今回作成したチラシの裏面の「小次郎」というお店も、有名ラーメン店のイメージにて作成したといい、日吉を知っている人、知らない人も、きっと楽しめるといいます。

また、登場人物の役名も、日吉の商店街に由来する名前を付けました、と比企さん。

55秒間の作品PVでは、「日吉のロケ地」で行った撮影風景が楽しめる。主演の藤四郎役・田中穂先(ほさき)さんは、劇団「柿喰う客」新メンバーで、演劇界での今後の活躍に期待が集まる

55秒間の作品PVでは「日吉のロケ地」で行った撮影風景が楽しめる。主演の藤四郎役・田中穂先(ほさき)さんは、劇団「柿喰う客」新メンバーで、演劇界での今後の活躍に期待が集まる

「2014年の公演『超戦隊チャレンジャー』の頃のメンバーが、経験を重ねて、最高のパフォーマンスでこの作品を仕上げてくれています。一つ一つが、質が高いものに仕上がりました。演劇の面白いところ、そこを最大限に発揮します。容姿端麗なメンバーが揃ったのも、今回の作品の特色になっています。コメディテイストで楽しんでいただける上に、ご覧いただけたら、シンプルに前向きになっていただけるかと。ぜひ、多くの皆さんにお越しいただけたらと思っています。ぜひご来場お待ちしています」と、この10年間の日吉での学生生活としての集大成としての作品の魅力、そして、この演劇作品に込めた想いを、熱く語ってくれました。

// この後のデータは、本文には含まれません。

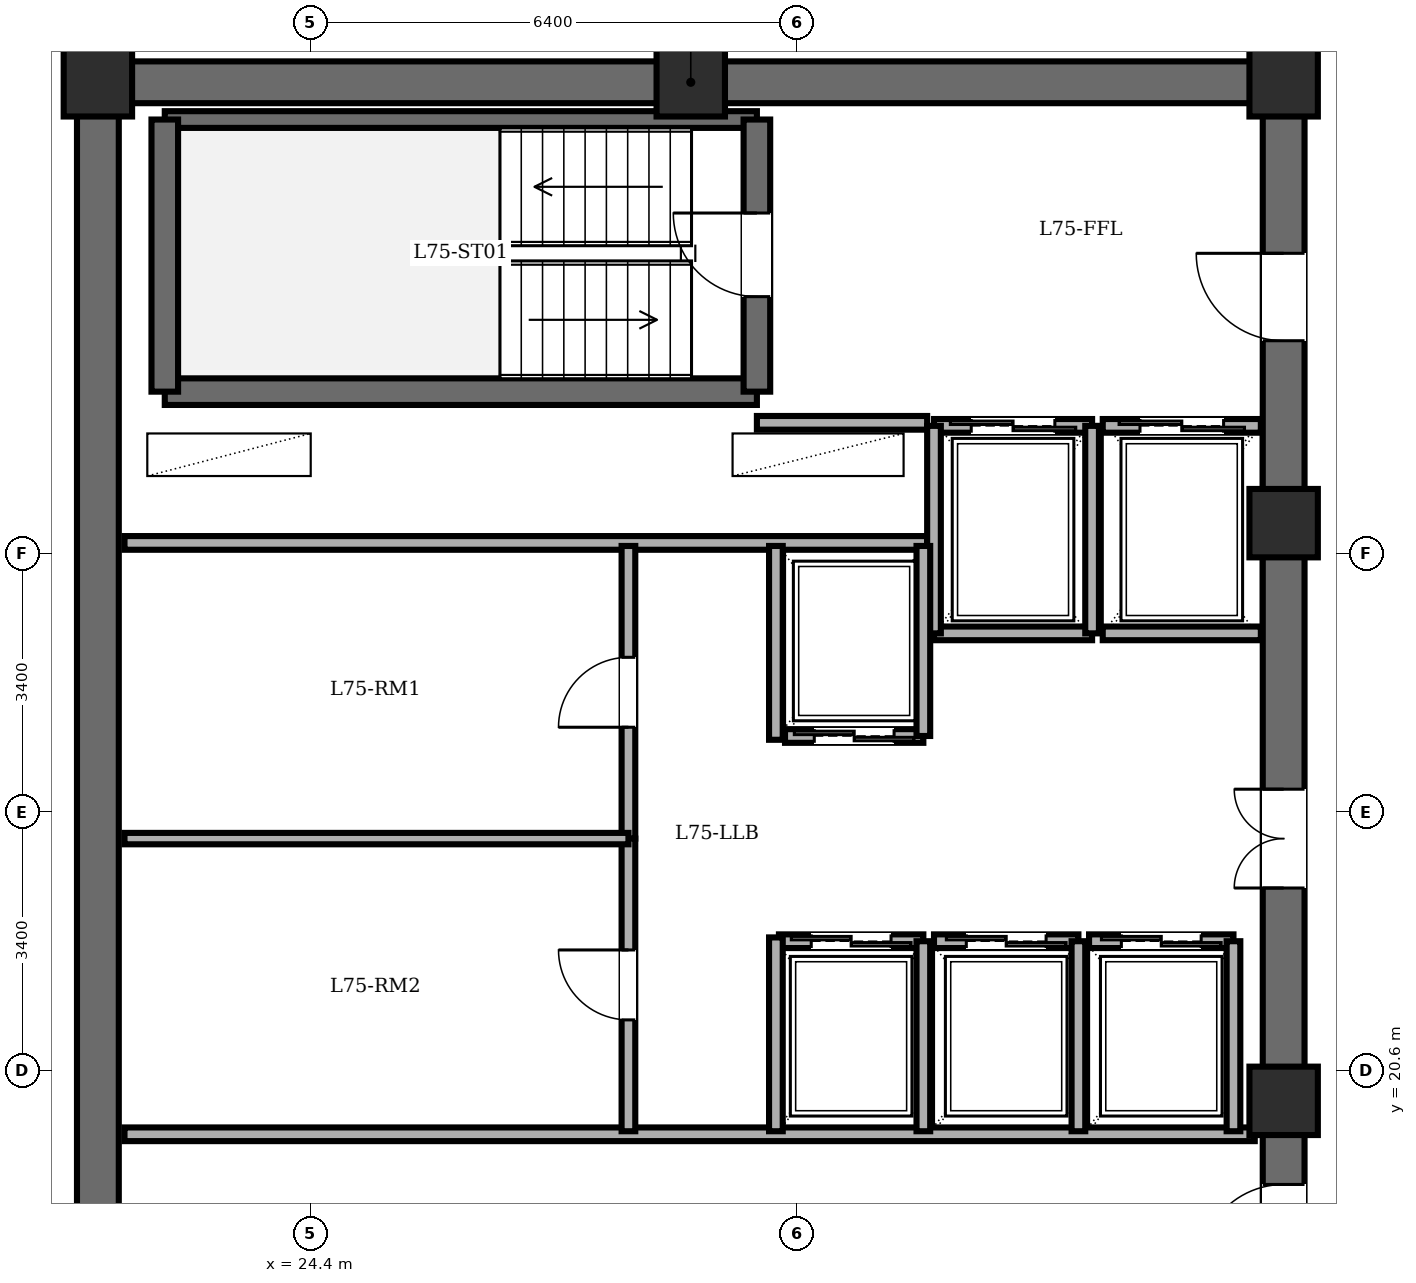
"""IFC4 building model, lengths in metres.
Left out: names, types, materials, properties, quantities, classifications, styles, units other than length and angle.
Written with IfcOpenShell. Run it as: python <this file> out.ifc"""

import sys

from ifc_helpers import new_model, si_unit, direction, frame, frame_2d, origin, origin_2d, place, context, subcontext, project, spatial, rectangle, extrude, element, fill, save


model = new_model("IFC4")
c1 = context("Model", 3, precision=1e-05, world=origin(), true_north=direction((0.0, 1.0)))
c2 = subcontext(c1, "Body", "Model", "MODEL_VIEW")
j1 = project(units=[si_unit("LENGTHUNIT", "METRE"), si_unit("PLANEANGLEUNIT", "RADIAN")], contexts=[c1])
p1 = place(None, origin())
s1 = spatial("IfcSite", under=j1, at=p1, CompositionType="ELEMENT")
p2 = place(p1, origin())
s2 = spatial("IfcBuilding", under=s1, at=p2, CompositionType="ELEMENT")
p3 = place(p2, frame((0.0, 0.0, 288.0)))
s3 = spatial("IfcBuildingStorey", under=s2, at=p3, CompositionType="ELEMENT", Elevation=288.0)
for number, where, z_axis, x_axis in (
    (1, (37.2, 20.2, 0.0), (0.0, 0.0, 1.0), (1.0, 0.0, 0.0)),
    (2, (37.2, 27.8, 0.0), (0.0, 0.0, 1.0), (1.0, 0.0, 0.0)),
    (3, (37.2, 33.6, 0.0), (0.0, 0.0, 1.0), (1.0, 0.0, 0.0)),
    (4, (29.4, 33.6, 0.0), (0.0, 0.0, 1.0), (1.0, 0.0, 0.0)),
    (5, (21.6, 33.6, 0.0), (0.0, 0.0, 1.0), (1.0, 0.0, 0.0)),
):
    element("IfcColumn", number, at=place(p3, frame(where, z_axis=z_axis, x_axis=x_axis)), inside=s3, PredefinedType="COLUMN", context=c2, shape_type="SweptSolid", body=[
        extrude(rectangle(XDim=0.9, YDim=0.9, at=origin_2d()), origin(), (0.0, 0.0, 1.0), 3.65),
    ])
p4 = place(p3, frame((21.6, 14.4, 0.0), z_axis=(0.0, 0.0, 1.0), x_axis=(0.0, 1.0, 0.0)))
e6 = element("IfcWall", 6, at=p4, inside=s3, PredefinedType="SHEAR", context=c2, shape_type="SweptSolid", body=[
    extrude(rectangle(XDim=19.2, YDim=0.55, at=frame_2d((9.6, 0.0))), origin(), (0.0, 0.0, 1.0), 3.45),
])
p5 = place(p3, frame((21.6, 33.6, 0.0), z_axis=(0.0, 0.0, 1.0), x_axis=(1.0, 0.0, 0.0)))
e7 = element("IfcWall", 7, at=p5, inside=s3, PredefinedType="SHEAR", context=c2, shape_type="SweptSolid", body=[
    extrude(rectangle(XDim=15.6, YDim=0.55, at=frame_2d((7.8, 0.0))), origin(), (0.0, 0.0, 1.0), 3.45),
])
p6 = place(p3, frame((37.2, 14.4, 0.0), z_axis=(0.0, 0.0, 1.0), x_axis=(0.0, 1.0, 0.0)))
e8 = element("IfcWall", 8, at=p6, inside=s3, PredefinedType="SHEAR", context=c2, shape_type="SweptSolid", body=[
    extrude(rectangle(XDim=19.2, YDim=0.55, at=frame_2d((9.6, 0.0))), origin(), (0.0, 0.0, 1.0), 3.45),
])
p7 = place(p6, frame((15.8, 0.0, 0.0)))
e9 = element("IfcOpeningElement", 9, at=p7, cuts=e8, PredefinedType="OPENING", context=c2, shape_type="SweptSolid", body=[
    extrude(rectangle(XDim=1.15, YDim=2.15, at=frame_2d((0.575, 1.075))), frame((0.0, 0.285, 0.0), z_axis=(0.0, -1.0, 0.0), x_axis=(1.0, 0.0, 0.0)), (0.0, 0.0, 1.0), 0.57),
])
p8 = place(p6, frame((3.6, 0.0, 0.0)))
e10 = element("IfcOpeningElement", 10, at=p8, cuts=e8, PredefinedType="OPENING", context=c2, shape_type="SweptSolid", body=[
    extrude(rectangle(XDim=1.1, YDim=2.15, at=frame_2d((0.55, 1.075))), frame((0.0, 0.285, 0.0), z_axis=(0.0, -1.0, 0.0), x_axis=(1.0, 0.0, 0.0)), (0.0, 0.0, 1.0), 0.57),
])
p9 = place(p6, frame((8.6, 0.0, 0.0)))
e11 = element("IfcOpeningElement", 11, at=p9, cuts=e8, PredefinedType="OPENING", context=c2, shape_type="SweptSolid", body=[
    extrude(rectangle(XDim=1.3, YDim=2.2, at=frame_2d((0.65, 1.1))), frame((0.0, 0.285, 0.0), z_axis=(0.0, -1.0, 0.0), x_axis=(1.0, 0.0, 0.0)), (0.0, 0.0, 1.0), 0.57),
])
p10 = place(p3, frame((22.48, 29.53, 0.0), z_axis=(0.0, 0.0, 1.0), x_axis=(1.0, 0.0, 0.0)))
e12 = element("IfcWall", 12, at=p10, inside=s3, PredefinedType="SOLIDWALL", context=c2, shape_type="SweptSolid", body=[
    extrude(rectangle(XDim=7.79, YDim=0.35, at=frame_2d((3.895, 0.0))), origin(), (0.0, 0.0, 1.0), 3.45),
])
p11 = place(p3, frame((22.48, 33.11, 0.0), z_axis=(0.0, 0.0, 1.0), x_axis=(1.0, 0.0, 0.0)))
e13 = element("IfcWall", 13, at=p11, inside=s3, PredefinedType="PARTITIONING", context=c2, shape_type="SweptSolid", body=[
    extrude(rectangle(XDim=7.79, YDim=0.22, at=frame_2d((3.895, 0.0))), origin(), (0.0, 0.0, 1.0), 3.45),
])
p12 = place(p3, frame((22.48, 29.53, 0.0), z_axis=(0.0, 0.0, 1.0), x_axis=(0.0, 1.0, 0.0)))
e14 = element("IfcWall", 14, at=p12, inside=s3, PredefinedType="SOLIDWALL", context=c2, shape_type="SweptSolid", body=[
    extrude(rectangle(XDim=3.58, YDim=0.35, at=frame_2d((1.79, 0.0))), origin(), (0.0, 0.0, 1.0), 3.45),
])
p13 = place(p3, frame((30.27, 29.53, 0.0), z_axis=(0.0, 0.0, 1.0), x_axis=(0.0, 1.0, 0.0)))
e15 = element("IfcWall", 15, at=p13, inside=s3, PredefinedType="SOLIDWALL", context=c2, shape_type="SweptSolid", body=[
    extrude(rectangle(XDim=3.58, YDim=0.35, at=frame_2d((1.79, 0.0))), origin(), (0.0, 0.0, 1.0), 3.45),
])
p14 = place(p13, frame((1.25, 0.0, 0.0)))
e16 = element("IfcOpeningElement", 16, at=p14, cuts=e15, PredefinedType="OPENING", context=c2, shape_type="SweptSolid", body=[
    extrude(rectangle(XDim=1.1, YDim=2.15, at=frame_2d((0.55, 1.075))), frame((0.0, 0.185, 0.0), z_axis=(0.0, -1.0, 0.0), x_axis=(1.0, 0.0, 0.0)), (0.0, 0.0, 1.0), 0.37),
])
p15 = place(p3, frame((30.27, 29.12, 0.0), z_axis=(0.0, 0.0, 1.0), x_axis=(1.0, 0.0, 0.0)))
e17 = element("IfcWall", 17, at=p15, inside=s3, PredefinedType="PARTITIONING", context=c2, shape_type="SweptSolid", body=[
    extrude(rectangle(XDim=2.24, YDim=0.18, at=frame_2d((1.12, 0.0))), origin(), (0.0, 0.0, 1.0), 3.45),
])
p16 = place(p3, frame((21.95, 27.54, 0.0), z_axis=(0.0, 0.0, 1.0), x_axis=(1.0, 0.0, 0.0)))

慶應義塾大学・創像工房in front of.「ヒヨウラ」は、3月5日(土)から3月8(火)までの4日間、計6回の公演を予定。慶應日吉キャンパス・塾生会館地下アトリエ合Cにて開催。

<料金>
予約:学生700円、一般1000円
当日:学生1000円、一般1200円
(高校生以下 一律500円)

【参考リンク】
創像工房 in front of. 3月公演「ヒヨウラ」特設サイト

創像工房 in front of. 3月公演「ヒヨウラ」Twitter

創像工房 in front of. 3月公演「ヒヨウラ」特設サイト(公式PV)

創像工房 in front of. 3月公演「ヒヨウラ」特設サイト(アクセス)

創像工房 in front of. 3月公演「ヒヨウラ」(予約ページ)

創像工房 in front of.公式ホームページ

(創像工房 in front of. 提供)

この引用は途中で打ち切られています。